# Anomaly Detection

# Test with streaming data

In the training stage we fitted an Isolation Forest on our data and we saved the model in an `model.sav` file under the /data folder in Orchest. As mendtioned in the [Orchest docs](https://docs.orchest.io/en/latest/index.html): the /data directory is accessible by all pipelines and the jobs will only create a snapshot of the project directory and not the data directory. The smaller the size of the project directory, the smaller the size of the jobs.

Here we will get the new data from Clarify and use the predict method from the model in oder to see if a particular sample is an outlier or not.

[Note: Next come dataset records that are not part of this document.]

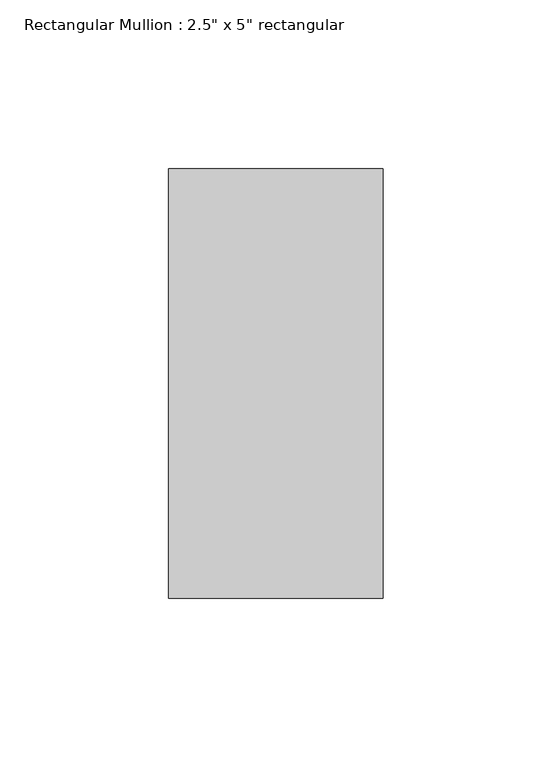
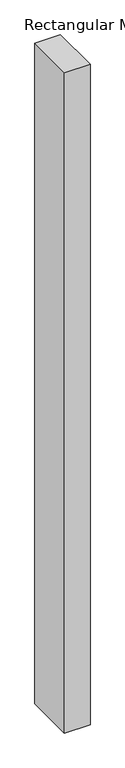
"""IFC4 building model written with IfcOpenShell, lengths in millimetres: member geometry."""

from ifc_helpers import new_model, si_unit, frame, origin, place, context, project, spatial, polyline, outline, extrude, source, transform, mapped, element, save


def member_8f1d4e4f(model_context):
    return source(origin(), model_context, "Body", "SweptSolid", [
        extrude(outline(polyline([(31.75, 63.5), (31.75, -63.5), (-31.75, -63.5), (-31.75, 63.5), (31.75, 63.5)])), frame((0.0, 0.0, -1732.6965064), z_axis=(0.0, 0.0, 1.0), x_axis=(1.0, 0.0, 0.0)), (0.0, 0.0, 1.0), 1732.6965064),
    ])


if __name__ == "__main__":
    model = new_model("IFC4")
    model_context = context("Model", 3, world=origin())
    ifc_project = project(units=[si_unit("LENGTHUNIT", "METRE", prefix="MILLI")], contexts=[model_context])
    site = spatial("IfcSite", under=ifc_project)
    building = spatial("IfcBuilding", under=site)
    placement = place(None, origin())
    member_shape = member_8f1d4e4f(model_context)
    element("IfcMember", 1, ObjectType="Rectangular Mullion : 2.5\" x 5\" rectangular", at=placement, inside=building, context=model_context, shape_type="MappedRepresentation", body=[
        mapped(member_shape, transform((0.0, 0.0, 0.0), x_axis=(1.0, 0.0, 0.0), y_axis=(0.0, 1.0, 0.0), z_axis=(0.0, 0.0, 1.0))),
    ])
    save(model, "model.ifc")

# Revit data of these elements
# Type "Rectangular Mullion : 2.5\" x 5\" rectangular"
#   built-in parameter 1007304 = 0.416667 (stored number, unit not read)
#   built-in parameter 1007301 = 0.104167 (stored number, unit not read)
#   built-in parameter 1007300 = 0.104167 (stored number, unit not read)
# Element 1 (IfcMember, "Rectangular Mullion : 2.5\" x 5\" rectangular")
#   Materials on its faces: "Aluminum"
# Materials
#   "Aluminum": class "Metal", colour RGB 247 247 247, transparency 0, Description = "Aluminum 6061", Cost = 0

We will also plot similar graphs as in the Training stage notebook.

In [None]:
from plotly.graph_objs import Layout, XAxis, YAxis
import plotly.graph_objects as go
import plotly.express as px

from sklearn.ensemble import IsolationForest
import pandas as pd
import numpy as np

import orchest
import pickle
import json
import os

In [None]:
orchest_data = orchest.get_inputs()
response = orchest_data["response"]
df = response[0]
item_name = response[1]
hours = response[2]
item_id = response[3]
try:
    dates = df.index
    values = sum(df.values.tolist(), [])
    print("Data received: ")
except Exception as e:
    print(e)

In [None]:
df = pd.DataFrame(data = {'date': dates, 'x': values})
df.head()

In [None]:
fig = go.Figure(data=go.Scatter(x = df['date'], y = df['x'], mode='markers', marker=dict(color='blue', size=5)))
fig.update_layout(title = "New Data points")
fig.update_xaxes(rangeslider_visible=True)
fig.show()

In [None]:
print("Load the model...")
file = '../data/model.sav'
model = pickle.load(open(file, 'rb'))

In [None]:
scores = model.decision_function(df[['x']])
l = len(scores)

fig = go.Figure(data=go.Scatter(x = np.arange(0,l), y = scores))
fig.update_layout(title = "Score values")
fig.show()

We can plot the score values from the new data set. Negative scores represent outliers, positive scores represent normal points. 

In [None]:
pred = model.predict(df[['x']])
df['anomaly'] = pd.Series(pred)
anomaly = df.loc[df['anomaly'] == 1, ['date', 'x']] 
print("The parametres of our model are: ", model.get_params())
print("Note that in the training stage we set there parameters.")

In [None]:
fig = go.Figure(data=go.Scatter(x = np.arange(0,len(pred)), y = pred))
fig.update_layout(title = "predict values")
fig.show()

The `predict` method returns the values 1 or -1. With -1 are marked the data points which corresponde to a negavive score value and with 1 are marked the data points which corresponde to a positive score value.

In [None]:
layout = Layout(
    paper_bgcolor='rgba(0,0,0,0)',
    plot_bgcolor='rgba(0,0,0,0)', 
    xaxis=XAxis(showgrid=True, zeroline=True, showline=True, zerolinecolor='#DBDBDB', zerolinewidth=2, gridcolor='#DBDBDB', gridwidth=2,  linecolor='#AFAFAF', linewidth=2),
    yaxis=YAxis(showgrid=True, zeroline=True, showline=True, zerolinecolor='#DBDBDB', zerolinewidth=2, gridcolor='#DBDBDB', gridwidth=2, linecolor='#AFAFAF', linewidth=2)
)

fig = go.Figure(data=go.Scatter(x = df['date'], y = df['x'], mode='lines', name = "Normal values", marker=dict(color='blue', size=2)), layout = layout)
fig.add_traces(go.Scatter(x = anomaly['date'], y = anomaly['x'], textposition='top left', mode='markers+text', name = "Anomaly value", marker=dict(color='red', size=6)))
fig.update_layout(title = "New Data points")
fig.show()

In [None]:
if not anomaly.empty:
    print("Anomaly points exist")
    fig.write_image("../data/plot.pdf")
else:
    print("No anomaly points")

In [None]:
# Pass anomaly data to the next step.
orchest.output((anomaly, item_name, hours, item_id), name = "anomaly")
print("Done!")